Extracted Tesla Model 3 ­
Extracted Tesla Model 3 Long Range


In [8]:
len(similar_cars)


2

In [9]:
def remove_unit(string):
    """Removes unit from string like 17'000 CHF/year -> float(17e3)

    Args:
        string (str): string with unit
    """
    number, unit = string.split(" ")
    number = number.replace("'", "")
    return float(number)


In [19]:
import pandas as pd


def generate_archetype(similar_cars, ndigits=2):
    """Generates an archetypical car from a list of similar cars

    Args:
        similar_cars (list of dict): returned by get_cars()
        ndigits (int): round average values to
    """
    car_attributes = []
    for c in similar_cars:
        costs = c["costs"]
        attrs = {
            "fix_cost": remove_unit(costs["Fixe Kosten"]),
            "variable_cost": remove_unit(costs["Variable Kosten"]),
            "cost_per_km": remove_unit(costs["Kilometerkosten"]),
        }

        try:
            reach = c["specs"]["Reichweite (NEFZ/WLTP)"].split(" / ")
            reach = float(reach[1])
        except:
            reach = None

        attrs["reach"] = reach
        car_attributes.append(attrs)

    car_attributes = pd.DataFrame(car_attributes)

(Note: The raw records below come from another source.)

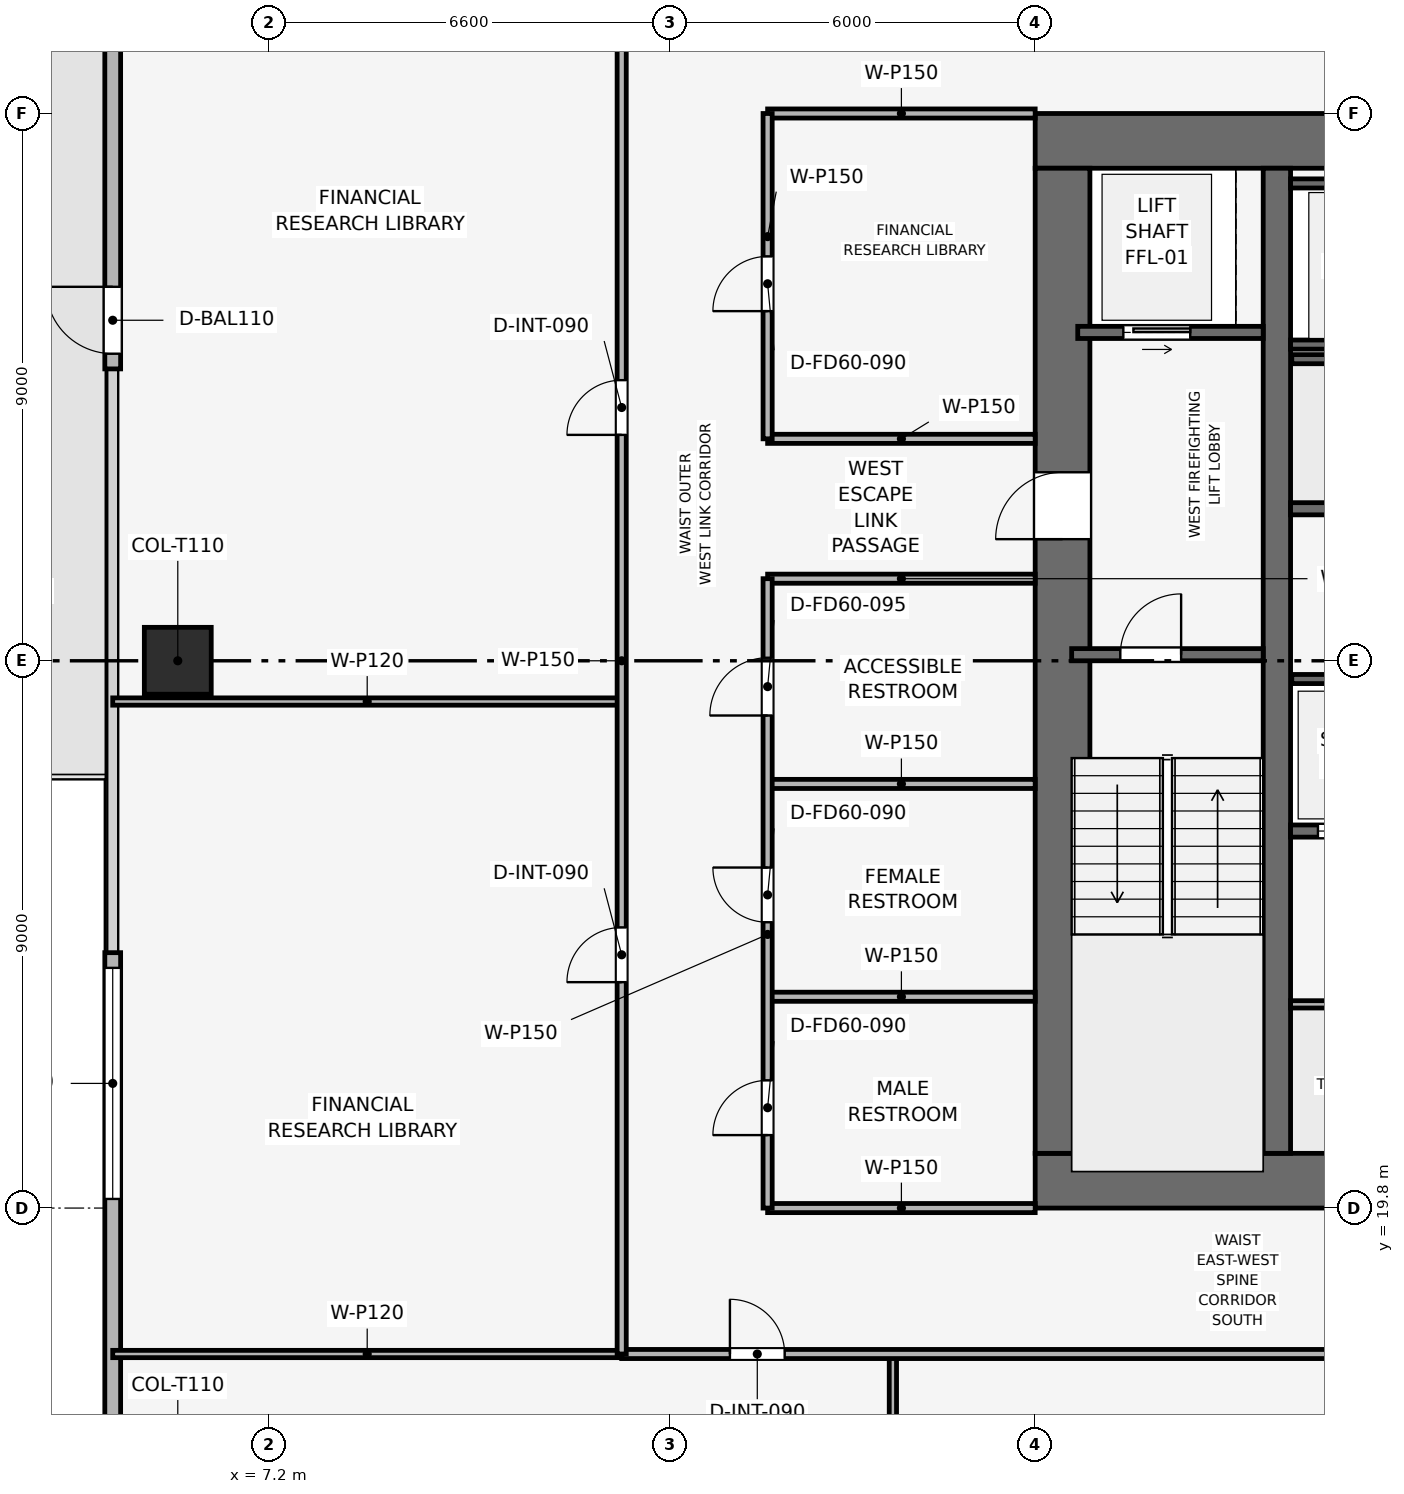
"""IFC4 building model, lengths in metres.
Left out: names, types, materials, properties, quantities, classifications, styles, units other than length and angle.
Written with IfcOpenShell. Run it as: python <this file> out.ifc"""

import sys

from ifc_helpers import new_model, si_unit, direction, frame, frame_2d, origin, origin_2d, place, context, subcontext, project, spatial, rectangle, extrude, element, fill, save


model = new_model("IFC4")
c1 = context("Model", 3, precision=1e-05, world=origin(), true_north=direction((0.0, 1.0)))
c2 = subcontext(c1, "Body", "Model", "MODEL_VIEW")
j1 = project(units=[si_unit("LENGTHUNIT", "METRE"), si_unit("PLANEANGLEUNIT", "RADIAN")], contexts=[c1])
p1 = place(None, origin())
s1 = spatial("IfcSite", under=j1, at=p1, CompositionType="ELEMENT")
p2 = place(p1, origin())
s2 = spatial("IfcBuilding", under=s1, at=p2, CompositionType="ELEMENT")
p3 = place(p2, frame((0.0, 0.0, 183.3)))
s3 = spatial("IfcBuildingStorey", under=s2, at=p3, CompositionType="ELEMENT", Elevation=183.3)
p4 = place(p3, frame((19.8, 20.25, 0.0), z_axis=(0.0, 0.0, 1.0), x_axis=(1.0, 0.0, 0.0)))
e1 = element("IfcWall", 1, at=p4, inside=s3, PredefinedType="SHEAR", context=c2, shape_type="SweptSolid", body=[
    extrude(rectangle(XDim=18.0, YDim=0.9, at=frame_2d((9.0, 0.0))), origin(), (0.0, 0.0, 1.0), 3.75),
])
p5 = place(p4, frame((8.4, 0.0, 0.0)))
e2 = element("IfcOpeningElement", 2, at=p5, cuts=e1, PredefinedType="OPENING", context=c2, shape_type="SweptSolid", body=[
    extrude(rectangle(XDim=1.2, YDim=2.2, at=frame_2d((0.6, 1.1))), frame((0.0, 0.46, 0.0), z_axis=(0.0, -1.0, 0.0), x_axis=(1.0, 0.0, 0.0)), (0.0, 0.0, 1.0), 0.92),
])
p6 = place(p3, frame((19.8, 37.35, 0.0), z_axis=(0.0, 0.0, 1.0), x_axis=(1.0, 0.0, 0.0)))
e3 = element("IfcWall", 3, at=p6, inside=s3, PredefinedType="SHEAR", context=c2, shape_type="SweptSolid", body=[
    extrude(rectangle(XDim=18.0, YDim=0.9, at=frame_2d((9.0, 0.0))), origin(), (0.0, 0.0, 1.0), 3.75),
])
p7 = place(p6, frame((7.05, 0.0, 0.0)))
e4 = element("IfcOpeningElement", 4, at=p7, cuts=e3, PredefinedType="OPENING", context=c2, shape_type="SweptSolid", body=[
    extrude(rectangle(XDim=1.1, YDim=2.15, at=frame_2d((0.55, 1.075))), frame((0.0, 0.46, 0.0), z_axis=(0.0, -1.0, 0.0), x_axis=(1.0, 0.0, 0.0)), (0.0, 0.0, 1.0), 0.92),
])
p8 = place(p3, frame((20.25, 20.7, 0.0), z_axis=(0.0, 0.0, 1.0), x_axis=(0.0, 1.0, 0.0)))
e5 = element("IfcWall", 5, at=p8, inside=s3, PredefinedType="SHEAR", context=c2, shape_type="SweptSolid", body=[
    extrude(rectangle(XDim=16.2, YDim=0.9, at=frame_2d((8.1, 0.0))), origin(), (0.0, 0.0, 1.0), 3.75),
])
p9 = place(p8, frame((10.1, 0.0, 0.0)))
e6 = element("IfcOpeningElement", 6, at=p9, cuts=e5, PredefinedType="OPENING", context=c2, shape_type="SweptSolid", body=[
    extrude(rectangle(XDim=1.1, YDim=2.15, at=frame_2d((0.55, 1.075))), frame((0.0, 0.46, 0.0), z_axis=(0.0, -1.0, 0.0), x_axis=(1.0, 0.0, 0.0)), (0.0, 0.0, 1.0), 0.92),
])
p10 = place(p3, frame((23.775, 20.7, 0.0), z_axis=(0.0, 0.0, 1.0), x_axis=(0.0, 1.0, 0.0)))
e7 = element("IfcWall", 7, at=p10, inside=s3, PredefinedType="SHEAR", context=c2, shape_type="SweptSolid", body=[
    extrude(rectangle(XDim=16.2, YDim=0.45, at=frame_2d((8.1, 0.0))), origin(), (0.0, 0.0, 1.0), 3.75),
])
p11 = place(p3, frame((5.7, 28.8, 0.003), z_axis=(0.0, 0.0, 1.0), x_axis=(1.0, 0.0, 0.0)))
e8 = element("IfcColumn", 8, at=p11, inside=s3, PredefinedType="COLUMN", context=c2, shape_type="SweptSolid", body=[
    extrude(rectangle(XDim=1.1, YDim=1.1, at=origin_2d()), origin(), (0.0, 0.0, 1.0), 3.489),
])
p12 = place(p3, frame((4.63, 11.4, 0.0), z_axis=(0.0, 0.0, 1.0), x_axis=(0.0, 1.0, 0.0)))
e9 = element("IfcWall", 9, at=p12, inside=s3, PredefinedType="SOLIDWALL", context=c2, shape_type="SweptSolid", body=[
    extrude(rectangle(XDim=12.6, YDim=0.26, at=frame_2d((6.3, 0.0))), origin(), (0.0, 0.0, 1.0), 3.495),
])
p13 = place(p12, frame((8.55, 0.0, 0.9)))
e10 = element("IfcOpeningElement", 10, at=p13, cuts=e9, PredefinedType="OPENING", context=c2, shape_type="SweptSolid", body=[
    extrude(rectangle(XDim=3.8, YDim=1.9, at=frame_2d((1.9, 0.95))), frame((0.0, 0.14, 0.0), z_axis=(0.0, -1.0, 0.0), x_axis=(1.0, 0.0, 0.0)), (0.0, 0.0, 1.0), 0.28),
])
p14 = place(p3, frame((4.63, 33.6, 0.0), z_axis=(0.0, 0.0, 1.0), x_axis=(0.0, 1.0, 0.0)))
e11 = element("IfcWall", 11, at=p14, inside=s3, PredefinedType="SOLIDWALL", context=c2, shape_type="SweptSolid", body=[
    extrude(rectangle(XDim=12.6, YDim=0.26, at=frame_2d((6.3, 0.0))), origin(), (0.0, 0.0, 1.0), 3.495),
])
p15 = place(p14, frame((0.25, 0.0, 0.0)))
e12 = element("IfcOpeningElement", 12, at=p15, cuts=e11, PredefinedType="OPENING", context=c2, shape_type="SweptSolid", body=[
    extrude(rectangle(XDim=1.1, YDim=2.2, at=frame_2d((0.55, 1.1))), frame((0.0, 0.14, 0.0), z_axis=(0.0, -1.0, 0.0), x_axis=(1.0, 0.0, 0.0)), (0.0, 0.0, 1.0), 0.28),
])
p16 = place(p3, frame((20.4, 28.9, 0.0), z_axis=(0.0, 0.0, 1.0), x_axis=(1.0, 0.0, 0.0)))
e13 = element("IfcWall", 13, at=p16, inside=s3, PredefinedType="SHEAR", context=c2, shape_type="SweptSolid", body=[
    extrude(rectangle(XDim=3.15, YDim=0.2, at=frame_2d((1.575, 0.0))), origin(), (0.0, 0.0, 1.0), 3.495),
])
p17 = place(p16, frame((0.8, 0.0, 0.0)))
e14 = element("IfcOpeningElement", 14, at=p17, cuts=e13, PredefinedType="OPENING", context=c2, shape_type="SweptSolid", body=[
    extrude(rectangle(XDim=1.0, YDim=2.1, at=frame_2d((0.5, 1.05))), frame((0.0, 0.11, 0.0), z_axis=(0.0, -1.0, 0.0), x_axis=(1.0, 0.0, 0.0)), (0.0, 0.0, 1.0), 0.22),
])
p18 = place(p3, frame((20.5, 34.2, 0.0), z_axis=(0.0, 0.0, 1.0), x_axis=(1.0, 0.0, 0.0)))
e15 = element("IfcWall", 15, at=p18, inside=s3, PredefinedType="SHEAR", context=c2, shape_type="SweptSolid", body=[
    extrude(rectangle(XDim=3.05, YDim=0.2, at=frame_2d((1.525, 0.0))), origin(), (0.0, 0.0, 1.0), 3.495),
])
p19 = place(p18, frame((0.75, 0.0, 0.0)))
e16 = element("IfcOpeningElement", 16, at=p19, cuts=e15, PredefinedType="OPENING", context=c2, shape_type="SweptSolid", body=[
    extrude(rectangle(XDim=1.1, YDim=2.15, at=frame_2d((0.55, 1.075))), frame((0.0, 0.11, 0.0), z_axis=(0.0, -1.0, 0.0), x_axis=(1.0, 0.0, 0.0)), (0.0, 0.0, 1.0), 0.22),
])
for number, where, z_axis, x_axis in (
    (17, (24.0, 34.0, 0.0), (0.0, 0.0, 1.0), (1.0, 0.0, 0.0)),
    (18, (24.0, 36.65, 0.0), (0.0, 0.0, 1.0), (1.0, 0.0, 0.0)),
):
    element("IfcWall", number, at=place(p3, frame(where, z_axis=z_axis, x_axis=x_axis)), inside=s3, PredefinedType="SHEAR", context=c2, shape_type="SweptSolid", body=[
        extrude(rectangle(XDim=2.48, YDim=0.15, at=frame_2d((1.24, 0.0))), origin(), (0.0, 0.0, 1.0), 3.495),
    ])
p20 = place(p3, frame((24.0, 26.0, 0.0), z_axis=(0.0, 0.0, 1.0), x_axis=(1.0, 0.0, 0.0)))
e19 = element("IfcWall", 19, at=p20, inside=s3, PredefinedType="SHEAR", context=c2, shape_type="SweptSolid", body=[
    extrude(rectangle(XDim=2.0, YDim=0.2, at=frame_2d((1.0, 0.0))), origin(), (0.0, 0.0, 1.0), 3.495),
])
p21 = place(p20, frame((0.45, 0.0, 0.0)))
e20 = element("IfcOpeningElement", 20, at=p21, cuts=e19, PredefinedType="OPENING", context=c2, shape_type="SweptSolid", body=[
    extrude(rectangle(XDim=1.1, YDim=2.15, at=frame_2d((0.55, 1.075))), frame((0.0, 0.11, 0.0), z_axis=(0.0, -1.0, 0.0), x_axis=(1.0, 0.0, 0.0)), (0.0, 0.0, 1.0), 0.22),
])
p22 = place(p3, frame((24.0, 31.3, 0.0), z_axis=(0.0, 0.0, 1.0), x_axis=(1.0, 0.0, 0.0)))
e21 = element("IfcWall", 21, at=p22, inside=s3, PredefinedType="SHEAR", context=c2, shape_type="SweptSolid", body=[
    extrude(rectangle(XDim=2.0, YDim=0.2, at=frame_2d((1.0, 0.0))), origin(), (0.0, 0.0, 1.0), 3.495),
])
for number, where, z_axis, x_axis in (
    (22, (24.02, 28.5, 0.0), (0.0, 0.0, 1.0), (1.0, 0.0, 0.0)),
    (23, (24.02, 33.76, 0.0), (0.0, 0.0, 1.0), (1.0, 0.0, 0.0)),
):
    element("IfcWall", number, at=place(p3, frame(where, z_axis=z_axis, x_axis=x_axis)), inside=s3, PredefinedType="SHEAR", context=c2, shape_type="SweptSolid", body=[
        extrude(rectangle(XDim=4.08, YDim=0.15, at=frame_2d((2.04, 0.0))), origin(), (0.0, 0.0, 1.0), 3.495),
    ])
p23 = place(p3, frame((24.0, 23.15, 0.0), z_axis=(0.0, 0.0, 1.0), x_axis=(1.0, 0.0, 0.0)))
e24 = element("IfcWall", 24, at=p23, inside=s3, PredefinedType="PARTITIONING", context=c2, shape_type="SweptSolid", body=[
    extrude(rectangle(XDim=4.05, YDim=0.12, at=frame_2d((2.025, 0.0))), origin(), (0.0, 0.0, 1.0), 3.495),
])
p24 = place(p23, frame((1.575, 0.0, 0.0)))
e25 = element("IfcOpeningElement", 25, at=p24, cuts=e24, PredefinedType="OPENING", context=c2, shape_type="SweptSolid", body=[
    extrude(rectangle(XDim=0.9, YDim=2.1, at=frame_2d((0.45, 1.05))), frame((0.0, 0.07, 0.0), z_axis=(0.0, -1.0, 0.0), x_axis=(1.0, 0.0, 0.0)), (0.0, 0.0, 1.0), 0.14),
])
p25 = place(p3, frame((15.4, 19.8, 0.0), z_axis=(0.0, 0.0, 1.0), x_axis=(1.0, 0.0, 0.0)))
e26 = element("IfcWall", 26, at=p25, inside=s3, PredefinedType="PARTITIONING", context=c2, shape_type="SweptSolid", body=[
    extrude(rectangle(XDim=4.4, YDim=0.15, at=frame_2d((2.2, 0.0))), origin(), (0.0, 0.0, 1.0), 3.03),
])
for number, where, z_axis, x_axis in (
    (27, (15.4, 23.275, 0.0), (0.0, 0.0, 1.0), (1.0, 0.0, 0.0)),
    (28, (15.4, 26.775, 0.0), (0.0, 0.0, 1.0), (1.0, 0.0, 0.0)),
    (29, (15.4, 30.15, 0.0), (0.0, 0.0, 1.0), (1.0, 0.0, 0.0)),
    (30, (15.4, 32.45, 0.0), (0.0, 0.0, 1.0), (1.0, 0.0, 0.0)),
):
    element("IfcWall", number, at=place(p3, frame(where, z_axis=z_axis, x_axis=x_axis)), inside=s3, PredefinedType="PARTITIONING", context=c2, shape_type="SweptSolid", body=[
        extrude(rectangle(XDim=4.4, YDim=0.15, at=frame_2d((2.2, 0.0))), origin(), (0.0, 0.0, 1.0), 3.495),
    ])
p26 = place(p3, frame((15.4, 37.8, 0.0), z_axis=(0.0, 0.0, 1.0), x_axis=(1.0, 0.0, 0.0)))
e31 = element("IfcWall", 31, at=p26, inside=s3, PredefinedType="PARTITIONING", context=c2, shape_type="SweptSolid", body=[
    extrude(rectangle(XDim=4.4, YDim=0.15, at=frame_2d((2.2, 0.0))), origin(), (0.0, 0.0, 1.0), 3.03),
])
p27 = place(p3, frame((15.4, 19.8, 0.0), z_axis=(0.0, 0.0, 1.0), x_axis=(0.0, 1.0, 0.0)))
e32 = element("IfcWall", 32, at=p27, inside=s3, PredefinedType="PARTITIONING", context=c2, shape_type="SweptSolid", body=[
    extrude(rectangle(XDim=10.35, YDim=0.15, at=frame_2d((5.175, 0.0))), origin(), (0.0, 0.0, 1.0), 3.03),
])
p28 = place(p27, frame((1.2, 0.0, 0.0)))
e33 = element("IfcOpeningElement", 33, at=p28, cuts=e32, PredefinedType="OPENING", context=c2, shape_type="SweptSolid", body=[
    extrude(rectangle(XDim=0.9, YDim=2.1, at=frame_2d((0.45, 1.05))), frame((0.0, 0.085, 0.0), z_axis=(0.0, -1.0, 0.0), x_axis=(1.0, 0.0, 0.0)), (0.0, 0.0, 1.0), 0.17),
])
p29 = place(p27, frame((4.7, 0.0, 0.0)))
e34 = element("IfcOpeningElement", 34, at=p29, cuts=e32, PredefinedType="OPENING", context=c2, shape_type="SweptSolid", body=[
    extrude(rectangle(XDim=0.9, YDim=2.1, at=frame_2d((0.45, 1.05))), frame((0.0, 0.085, 0.0), z_axis=(0.0, -1.0, 0.0), x_axis=(1.0, 0.0, 0.0)), (0.0, 0.0, 1.0), 0.17),
])
p30 = place(p27, frame((8.1, 0.0, 0.0)))
e35 = element("IfcOpeningElement", 35, at=p30, cuts=e32, PredefinedType="OPENING", context=c2, shape_type="SweptSolid", body=[
    extrude(rectangle(XDim=0.95, YDim=2.1, at=frame_2d((0.475, 1.05))), frame((0.0, 0.085, 0.0), z_axis=(0.0, -1.0, 0.0), x_axis=(1.0, 0.0, 0.0)), (0.0, 0.0, 1.0), 0.17),
])
p31 = place(p3, frame((15.4, 32.45, 0.0), z_axis=(0.0, 0.0, 1.0), x_axis=(0.0, 1.0, 0.0)))
e36 = element("IfcWall", 36, at=p31, inside=s3, PredefinedType="PARTITIONING", context=c2, shape_type="SweptSolid", body=[
    extrude(rectangle(XDim=5.35, YDim=0.15, at=frame_2d((2.675, 0.0))), origin(), (0.0, 0.0, 1.0), 3.03),
])
p32 = place(p31, frame((2.1, 0.0, 0.0)))
e37 = element("IfcOpeningElement", 37, at=p32, cuts=e36, PredefinedType="OPENING", context=c2, shape_type="SweptSolid", body=[
    extrude(rectangle(XDim=0.9, YDim=2.1, at=frame_2d((0.45, 1.05))), frame((0.0, 0.085, 0.0), z_axis=(0.0, -1.0, 0.0), x_axis=(1.0, 0.0, 0.0)), (0.0, 0.0, 1.0), 0.17),
])
p33 = place(p3, frame((17.46, 4.63, 0.0), z_axis=(0.0, 0.0, 1.0), x_axis=(0.0, 1.0, 0.0)))
e38 = element("IfcWall", 38, at=p33, inside=s3, PredefinedType="PARTITIONING", context=c2, shape_type="SweptSolid", body=[
    extrude(rectangle(XDim=12.77, YDim=0.12, at=frame_2d((6.385, 0.0))), origin(), (0.0, 0.0, 1.0), 2.98),
])
for number, where, z_axis, x_axis in (
    (39, (4.63, 28.13, 0.0), (0.0, 0.0, 1.0), (1.0, 0.0, 0.0)),
    (40, (4.63, 17.4, 0.0), (0.0, 0.0, 1.0), (1.0, 0.0, 0.0)),
):
    element("IfcWall", number, at=place(p3, frame(where, z_axis=z_axis, x_axis=x_axis)), inside=s3, PredefinedType="PARTITIONING", context=c2, shape_type="SweptSolid", body=[
        extrude(rectangle(XDim=8.37, YDim=0.12, at=frame_2d((4.185, 0.0))), origin(), (0.0, 0.0, 1.0), 2.98),
    ])
p34 = place(p3, frame((13.0, 17.4, 0.0), z_axis=(0.0, 0.0, 1.0), x_axis=(1.0, 0.0, 0.0)))
e41 = element("IfcWall", 41, at=p34, inside=s3, PredefinedType="PARTITIONING", context=c2, shape_type="SweptSolid", body=[
    extrude(rectangle(XDim=31.6, YDim=0.15, at=frame_2d((15.8, 0.0))), origin(), (0.0, 0.0, 1.0), 3.03),
])
p35 = place(p34, frame((1.78, 0.0, 0.0)))
e42 = element("IfcOpeningElement", 42, at=p35, cuts=e41, PredefinedType="OPENING", context=c2, shape_type="SweptSolid", body=[
    extrude(rectangle(XDim=0.9, YDim=2.1, at=frame_2d((0.45, 1.05))), frame((0.0, 0.085, 0.0), z_axis=(0.0, -1.0, 0.0), x_axis=(1.0, 0.0, 0.0)), (0.0, 0.0, 1.0), 0.17),
])
p36 = place(p34, frame((17.58, 0.0, 0.0)))
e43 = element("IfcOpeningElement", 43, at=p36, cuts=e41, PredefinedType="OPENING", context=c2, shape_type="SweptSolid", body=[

    archetype = dict(round(car_attributes.mean(), ndigits=ndigits))

    return archetype


In [18]:
similar_cars[0]["specs"]["Reichweite (NEFZ/WLTP)"].split(" / ")[1]

'491'

In [20]:
archetype = generate_archetype(similar_cars)
archetype


{'fix_cost': 7520.0,
 'variable_cost': 4274.0,
 'cost_per_km': 0.59,
 'reach': 547.5}

## Pipeline

### User specific archetype

In [None]:
## generate data.frame with variables to feed to get_cars
df_qualt = pd.DataFrame(
    {
        "vehicle_type": ["SUV S", "Luxusklasse", "Mittelklasse"],
        "fuel_type": ["Elektro", "Benzin", "Benzin"],
        "fuel_consumption": [14, 7, 2],  ## if electric => kWh/100km
        "km": [15e3, 20e3, 22e3],
        "canton": ["VD", "AI", "ZG"],
    }
)

df_qualt.head()


In [21]:
def helper(row, max_buffer=5, verbose=True, headless=True):
    car = Car(row["vehicle_type"], row["fuel_type"], row["fuel_consumption"])
    init = 1
    if verbose:
        print("---\n{}\n---".format(car))
    while init < max_buffer + 1:
        try:
            sc = tcs.get_cars(
                car,
                row["km"],
                row["canton"],
                similar={"flag": True, "buffer": init},
                verbose=verbose,
                headless=headless
            )
        except Exception:
            init += 1
            if verbose:
                print("increaseing buffer to {}".format(init))
            continue
        return sc
    return None


In [None]:
df_qualt["similar_cars"] = df_qualt.apply(lambda row: helper(row), axis=1)


In [None]:
## generate archetypes
df_qualt["archetype"] = df_qualt.apply(
    lambda row: generate_archetype(row["similar_cars"]), axis=1
)
df_qualt["archetype"]


In [None]:
## unpack stuff
df_qualt = df_qualt.assign(
    archetype_fix_cost=lambda x: [y["fix_cost"] for y in x["archetype"]],
    archetype_variable_cost=lambda x: [y["variable_cost"] for y in x["archetype"]],
    archetype_cost_per_km=lambda x: [y["cost_per_km"] for y in x["archetype"]],
)


### Generic archetypes

In [22]:
import numpy as np
from selenium.common.exceptions import NoSuchElementException, StaleElementReferenceException
from api.helper import NoSimilarCar
import pickle

## pack everything into a function
def generate_generic_archetypes(km=15e3, canton="ZH", verbose=True):
    """Generate archetype for each vehicle_class x fuel_type combination

    Args:
        km (int, optional): archetypes' annual mileage (reference). Defaults to 15e3.
        canton (str, optional): archetypes' domicile (reference). Defaults to 'AG'.
        verbose (bool, optional): neo. Defaults to True.

    Returns:
        pandas.DataFrame: containing vehicle_class, fuel_type, car_objects, as well as the archetypes (as returned by generate archetype)
    """
    ## generate df of all possible combinations
    archs = np.stack(np.meshgrid(Car.vehicle_classes, Car.fuel_types), axis=-1).reshape(
        -1, 2
    )
    df_archs = pd.DataFrame(archs)
    df_archs.columns = ["vehicle_class", "fuel_type"]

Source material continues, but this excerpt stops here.